Felixejofre set the point value for this task to 8.Mar 24 2023, 3:56 PM
Protsack.stephan lowered the priority of this task from High to Medium.Apr 4 2023, 12:23 PM

Things to consider:

Hi @Protsack.stephan, I’ve compiled the general implementation strategy below.

Implementation Strategy:

  • Create “Exponential” package with GetBackOff function Structured-Data (SD)
  • Create Kafka SD fatal-error topic in IaC
  • Topic-based retention time of 5 weeks
  • Create ErrorCollector package in SD
    • define function to check if errors are 503/500
  • In SD article-update main package: call ErrorCollector.isFatal
    • If true invoke retry message with TopicDeadLetter equal to ‘fatal-error’ topic name
    • Else call retry with default params

There are multiple ways to process the messages, so I’ve listed some of them below.
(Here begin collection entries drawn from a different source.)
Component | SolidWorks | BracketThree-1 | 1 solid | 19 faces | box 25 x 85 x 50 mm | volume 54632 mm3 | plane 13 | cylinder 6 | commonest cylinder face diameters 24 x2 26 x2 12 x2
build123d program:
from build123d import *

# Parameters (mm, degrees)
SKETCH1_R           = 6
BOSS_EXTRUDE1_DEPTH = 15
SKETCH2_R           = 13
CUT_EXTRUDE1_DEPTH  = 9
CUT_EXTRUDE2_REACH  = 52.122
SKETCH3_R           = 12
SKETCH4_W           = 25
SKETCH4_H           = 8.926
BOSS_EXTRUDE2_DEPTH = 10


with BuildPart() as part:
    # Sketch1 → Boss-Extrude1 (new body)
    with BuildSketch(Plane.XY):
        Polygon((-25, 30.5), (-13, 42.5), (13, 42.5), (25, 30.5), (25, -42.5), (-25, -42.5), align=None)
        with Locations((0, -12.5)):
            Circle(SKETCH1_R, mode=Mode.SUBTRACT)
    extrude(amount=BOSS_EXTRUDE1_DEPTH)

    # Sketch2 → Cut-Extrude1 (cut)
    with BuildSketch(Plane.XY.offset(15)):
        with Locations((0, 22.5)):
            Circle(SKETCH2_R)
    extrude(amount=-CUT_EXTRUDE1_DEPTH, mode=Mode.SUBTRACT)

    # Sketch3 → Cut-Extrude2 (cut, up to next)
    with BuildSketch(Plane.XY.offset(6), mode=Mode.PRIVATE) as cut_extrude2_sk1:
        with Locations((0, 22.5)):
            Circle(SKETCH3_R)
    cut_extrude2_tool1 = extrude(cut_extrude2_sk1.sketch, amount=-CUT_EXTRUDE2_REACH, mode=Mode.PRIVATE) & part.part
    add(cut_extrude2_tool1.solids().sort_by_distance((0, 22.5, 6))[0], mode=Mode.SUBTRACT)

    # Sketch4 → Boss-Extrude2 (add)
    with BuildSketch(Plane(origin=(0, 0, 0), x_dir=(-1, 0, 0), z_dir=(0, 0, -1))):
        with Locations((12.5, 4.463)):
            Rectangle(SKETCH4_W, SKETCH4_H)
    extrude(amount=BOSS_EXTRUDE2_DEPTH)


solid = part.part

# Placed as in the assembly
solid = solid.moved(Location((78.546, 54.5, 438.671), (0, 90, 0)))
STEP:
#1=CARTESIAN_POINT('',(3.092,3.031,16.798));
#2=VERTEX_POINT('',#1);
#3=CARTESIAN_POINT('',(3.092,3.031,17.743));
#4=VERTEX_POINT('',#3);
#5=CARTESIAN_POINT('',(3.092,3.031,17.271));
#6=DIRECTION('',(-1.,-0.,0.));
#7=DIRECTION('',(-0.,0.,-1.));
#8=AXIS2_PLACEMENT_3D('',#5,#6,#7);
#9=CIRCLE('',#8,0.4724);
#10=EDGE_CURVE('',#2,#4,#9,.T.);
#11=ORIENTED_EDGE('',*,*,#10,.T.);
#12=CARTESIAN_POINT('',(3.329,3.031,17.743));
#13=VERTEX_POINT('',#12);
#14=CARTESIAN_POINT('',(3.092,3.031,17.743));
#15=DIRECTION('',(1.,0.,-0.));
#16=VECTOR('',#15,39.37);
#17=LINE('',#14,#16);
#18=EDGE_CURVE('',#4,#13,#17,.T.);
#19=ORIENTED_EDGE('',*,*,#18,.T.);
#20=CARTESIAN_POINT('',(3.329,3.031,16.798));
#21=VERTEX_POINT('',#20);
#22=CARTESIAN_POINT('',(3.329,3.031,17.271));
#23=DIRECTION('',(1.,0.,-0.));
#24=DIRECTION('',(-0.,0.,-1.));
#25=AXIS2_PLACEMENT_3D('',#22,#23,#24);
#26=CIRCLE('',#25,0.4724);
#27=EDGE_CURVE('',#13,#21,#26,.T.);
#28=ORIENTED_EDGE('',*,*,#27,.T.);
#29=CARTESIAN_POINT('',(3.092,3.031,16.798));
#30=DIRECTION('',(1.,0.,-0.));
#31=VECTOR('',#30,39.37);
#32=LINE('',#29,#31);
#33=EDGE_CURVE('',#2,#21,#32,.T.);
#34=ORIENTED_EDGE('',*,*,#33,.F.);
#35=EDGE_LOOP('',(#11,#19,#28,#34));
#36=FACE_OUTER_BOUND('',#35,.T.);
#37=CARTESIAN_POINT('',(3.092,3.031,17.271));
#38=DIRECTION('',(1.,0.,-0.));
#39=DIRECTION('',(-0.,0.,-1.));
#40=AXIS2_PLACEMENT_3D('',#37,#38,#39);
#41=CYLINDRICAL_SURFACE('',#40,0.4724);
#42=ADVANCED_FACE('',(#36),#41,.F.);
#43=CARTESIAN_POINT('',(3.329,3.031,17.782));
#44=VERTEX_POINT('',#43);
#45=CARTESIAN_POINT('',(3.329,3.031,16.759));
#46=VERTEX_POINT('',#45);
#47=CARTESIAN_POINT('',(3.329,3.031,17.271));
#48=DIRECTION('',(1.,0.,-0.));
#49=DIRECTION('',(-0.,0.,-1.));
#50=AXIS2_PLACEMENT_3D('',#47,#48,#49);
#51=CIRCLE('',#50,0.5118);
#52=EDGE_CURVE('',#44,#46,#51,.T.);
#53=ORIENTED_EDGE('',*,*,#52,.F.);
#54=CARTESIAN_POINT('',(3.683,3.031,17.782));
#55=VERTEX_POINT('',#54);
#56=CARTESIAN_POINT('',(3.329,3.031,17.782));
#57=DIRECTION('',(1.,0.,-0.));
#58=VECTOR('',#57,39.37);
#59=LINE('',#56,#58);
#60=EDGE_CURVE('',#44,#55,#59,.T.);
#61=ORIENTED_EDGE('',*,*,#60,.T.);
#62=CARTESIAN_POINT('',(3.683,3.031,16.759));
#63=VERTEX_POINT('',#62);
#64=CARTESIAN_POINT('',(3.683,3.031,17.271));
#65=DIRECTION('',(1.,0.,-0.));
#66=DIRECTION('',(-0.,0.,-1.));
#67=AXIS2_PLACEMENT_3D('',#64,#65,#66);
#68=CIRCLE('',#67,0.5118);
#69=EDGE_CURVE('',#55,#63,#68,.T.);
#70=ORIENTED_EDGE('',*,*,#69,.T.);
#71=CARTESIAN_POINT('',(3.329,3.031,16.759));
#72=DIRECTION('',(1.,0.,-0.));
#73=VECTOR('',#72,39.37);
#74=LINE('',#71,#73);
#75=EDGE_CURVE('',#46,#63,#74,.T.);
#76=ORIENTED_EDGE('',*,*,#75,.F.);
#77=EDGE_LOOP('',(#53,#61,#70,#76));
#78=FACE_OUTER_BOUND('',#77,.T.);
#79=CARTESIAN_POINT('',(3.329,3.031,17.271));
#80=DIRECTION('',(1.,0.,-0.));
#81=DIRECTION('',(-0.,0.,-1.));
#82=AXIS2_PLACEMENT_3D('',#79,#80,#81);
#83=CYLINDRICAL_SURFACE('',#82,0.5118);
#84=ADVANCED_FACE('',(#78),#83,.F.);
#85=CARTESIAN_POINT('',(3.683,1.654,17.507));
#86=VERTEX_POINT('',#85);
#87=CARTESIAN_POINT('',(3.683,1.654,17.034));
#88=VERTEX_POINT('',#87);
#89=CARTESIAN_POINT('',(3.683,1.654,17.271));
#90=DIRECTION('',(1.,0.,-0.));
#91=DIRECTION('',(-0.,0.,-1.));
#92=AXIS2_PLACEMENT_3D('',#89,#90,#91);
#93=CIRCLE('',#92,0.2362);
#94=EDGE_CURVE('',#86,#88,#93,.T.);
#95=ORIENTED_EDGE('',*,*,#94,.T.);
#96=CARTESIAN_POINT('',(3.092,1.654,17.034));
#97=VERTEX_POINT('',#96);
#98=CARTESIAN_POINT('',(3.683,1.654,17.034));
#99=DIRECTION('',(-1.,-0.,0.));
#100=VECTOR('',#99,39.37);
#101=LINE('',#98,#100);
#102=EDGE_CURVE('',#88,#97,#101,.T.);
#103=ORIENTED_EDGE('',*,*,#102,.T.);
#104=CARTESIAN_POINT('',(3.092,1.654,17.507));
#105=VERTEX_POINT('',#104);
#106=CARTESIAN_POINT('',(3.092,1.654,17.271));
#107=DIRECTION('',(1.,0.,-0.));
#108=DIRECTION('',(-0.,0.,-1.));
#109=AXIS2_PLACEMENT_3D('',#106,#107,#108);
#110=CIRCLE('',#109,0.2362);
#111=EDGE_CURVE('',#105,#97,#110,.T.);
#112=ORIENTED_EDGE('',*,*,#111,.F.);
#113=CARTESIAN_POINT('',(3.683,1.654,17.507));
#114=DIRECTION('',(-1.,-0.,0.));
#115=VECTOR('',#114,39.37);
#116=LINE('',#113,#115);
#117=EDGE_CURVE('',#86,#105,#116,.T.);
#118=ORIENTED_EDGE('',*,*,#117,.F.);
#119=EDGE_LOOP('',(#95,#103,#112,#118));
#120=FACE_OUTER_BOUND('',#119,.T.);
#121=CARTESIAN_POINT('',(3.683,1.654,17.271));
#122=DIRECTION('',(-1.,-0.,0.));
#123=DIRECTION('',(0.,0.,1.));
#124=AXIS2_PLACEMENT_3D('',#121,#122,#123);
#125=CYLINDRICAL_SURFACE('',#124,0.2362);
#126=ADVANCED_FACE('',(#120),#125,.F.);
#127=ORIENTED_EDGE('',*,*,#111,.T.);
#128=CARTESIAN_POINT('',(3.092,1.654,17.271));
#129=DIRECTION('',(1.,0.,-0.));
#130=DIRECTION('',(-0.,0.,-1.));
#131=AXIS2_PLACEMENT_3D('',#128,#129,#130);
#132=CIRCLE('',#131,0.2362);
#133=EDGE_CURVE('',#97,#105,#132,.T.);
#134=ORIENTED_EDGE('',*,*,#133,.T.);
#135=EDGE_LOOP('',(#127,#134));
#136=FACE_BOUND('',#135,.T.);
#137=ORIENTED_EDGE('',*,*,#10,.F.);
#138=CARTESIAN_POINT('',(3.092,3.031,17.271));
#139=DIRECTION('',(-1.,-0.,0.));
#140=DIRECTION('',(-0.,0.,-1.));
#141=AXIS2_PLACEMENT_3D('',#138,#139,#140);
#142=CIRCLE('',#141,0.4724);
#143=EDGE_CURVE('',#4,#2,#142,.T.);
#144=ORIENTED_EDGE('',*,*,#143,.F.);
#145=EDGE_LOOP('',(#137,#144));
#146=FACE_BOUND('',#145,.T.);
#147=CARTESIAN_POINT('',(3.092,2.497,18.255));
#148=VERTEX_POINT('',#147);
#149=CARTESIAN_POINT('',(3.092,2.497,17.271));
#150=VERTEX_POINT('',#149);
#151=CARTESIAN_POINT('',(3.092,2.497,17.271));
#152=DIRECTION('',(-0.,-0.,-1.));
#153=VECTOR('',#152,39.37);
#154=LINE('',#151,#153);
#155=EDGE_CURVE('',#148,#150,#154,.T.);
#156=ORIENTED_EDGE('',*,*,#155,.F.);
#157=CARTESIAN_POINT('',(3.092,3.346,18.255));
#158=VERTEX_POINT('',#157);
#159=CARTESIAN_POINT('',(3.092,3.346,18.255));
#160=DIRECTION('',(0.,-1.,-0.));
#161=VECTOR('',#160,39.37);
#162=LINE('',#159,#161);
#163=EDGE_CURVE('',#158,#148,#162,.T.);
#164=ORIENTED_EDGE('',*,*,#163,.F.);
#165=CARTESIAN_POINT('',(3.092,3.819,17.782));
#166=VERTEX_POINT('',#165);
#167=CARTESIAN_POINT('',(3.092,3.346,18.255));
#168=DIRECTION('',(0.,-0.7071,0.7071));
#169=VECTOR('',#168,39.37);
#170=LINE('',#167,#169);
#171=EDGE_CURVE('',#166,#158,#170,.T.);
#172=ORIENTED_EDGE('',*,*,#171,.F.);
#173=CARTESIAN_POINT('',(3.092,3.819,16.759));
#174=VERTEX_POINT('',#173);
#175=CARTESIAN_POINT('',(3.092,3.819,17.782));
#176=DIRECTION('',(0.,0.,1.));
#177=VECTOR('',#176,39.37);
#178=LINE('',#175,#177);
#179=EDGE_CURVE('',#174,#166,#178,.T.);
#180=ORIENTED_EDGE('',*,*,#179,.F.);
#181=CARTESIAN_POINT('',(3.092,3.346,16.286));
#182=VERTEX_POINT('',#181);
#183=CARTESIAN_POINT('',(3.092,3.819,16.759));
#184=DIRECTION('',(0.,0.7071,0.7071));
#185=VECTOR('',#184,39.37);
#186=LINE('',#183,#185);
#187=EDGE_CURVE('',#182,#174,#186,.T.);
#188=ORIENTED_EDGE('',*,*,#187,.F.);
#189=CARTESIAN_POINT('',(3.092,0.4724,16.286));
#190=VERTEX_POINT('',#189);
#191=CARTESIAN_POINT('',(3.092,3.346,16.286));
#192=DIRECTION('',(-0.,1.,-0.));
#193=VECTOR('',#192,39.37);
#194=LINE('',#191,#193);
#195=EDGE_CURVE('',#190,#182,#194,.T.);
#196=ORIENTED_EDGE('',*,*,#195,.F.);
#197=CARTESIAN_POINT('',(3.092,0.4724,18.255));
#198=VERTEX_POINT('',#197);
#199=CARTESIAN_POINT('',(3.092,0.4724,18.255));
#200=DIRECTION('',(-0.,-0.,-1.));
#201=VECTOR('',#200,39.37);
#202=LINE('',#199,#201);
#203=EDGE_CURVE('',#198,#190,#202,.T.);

Lambda Processor (leaning towards this one since number of messages is very low):
Create lambda handler that monitors the "fatal-error” topic and is triggered every 30 minutes as a cron-job. The handler will look for new messages and create a PagerDuty Incident for each new incident. Might need to provision a dynamoDB table to keep track of last message looked at. This handler would live in IAC.

Docker Container:
Add error processing container to Structured-Data Network. Container would run a consumer that listens to the fatal-error topic and creates incidents in PagerDuty.

Separate Service
Create a new service that runs the consumer. Works the same as the above, but will have it's own repo and docker network.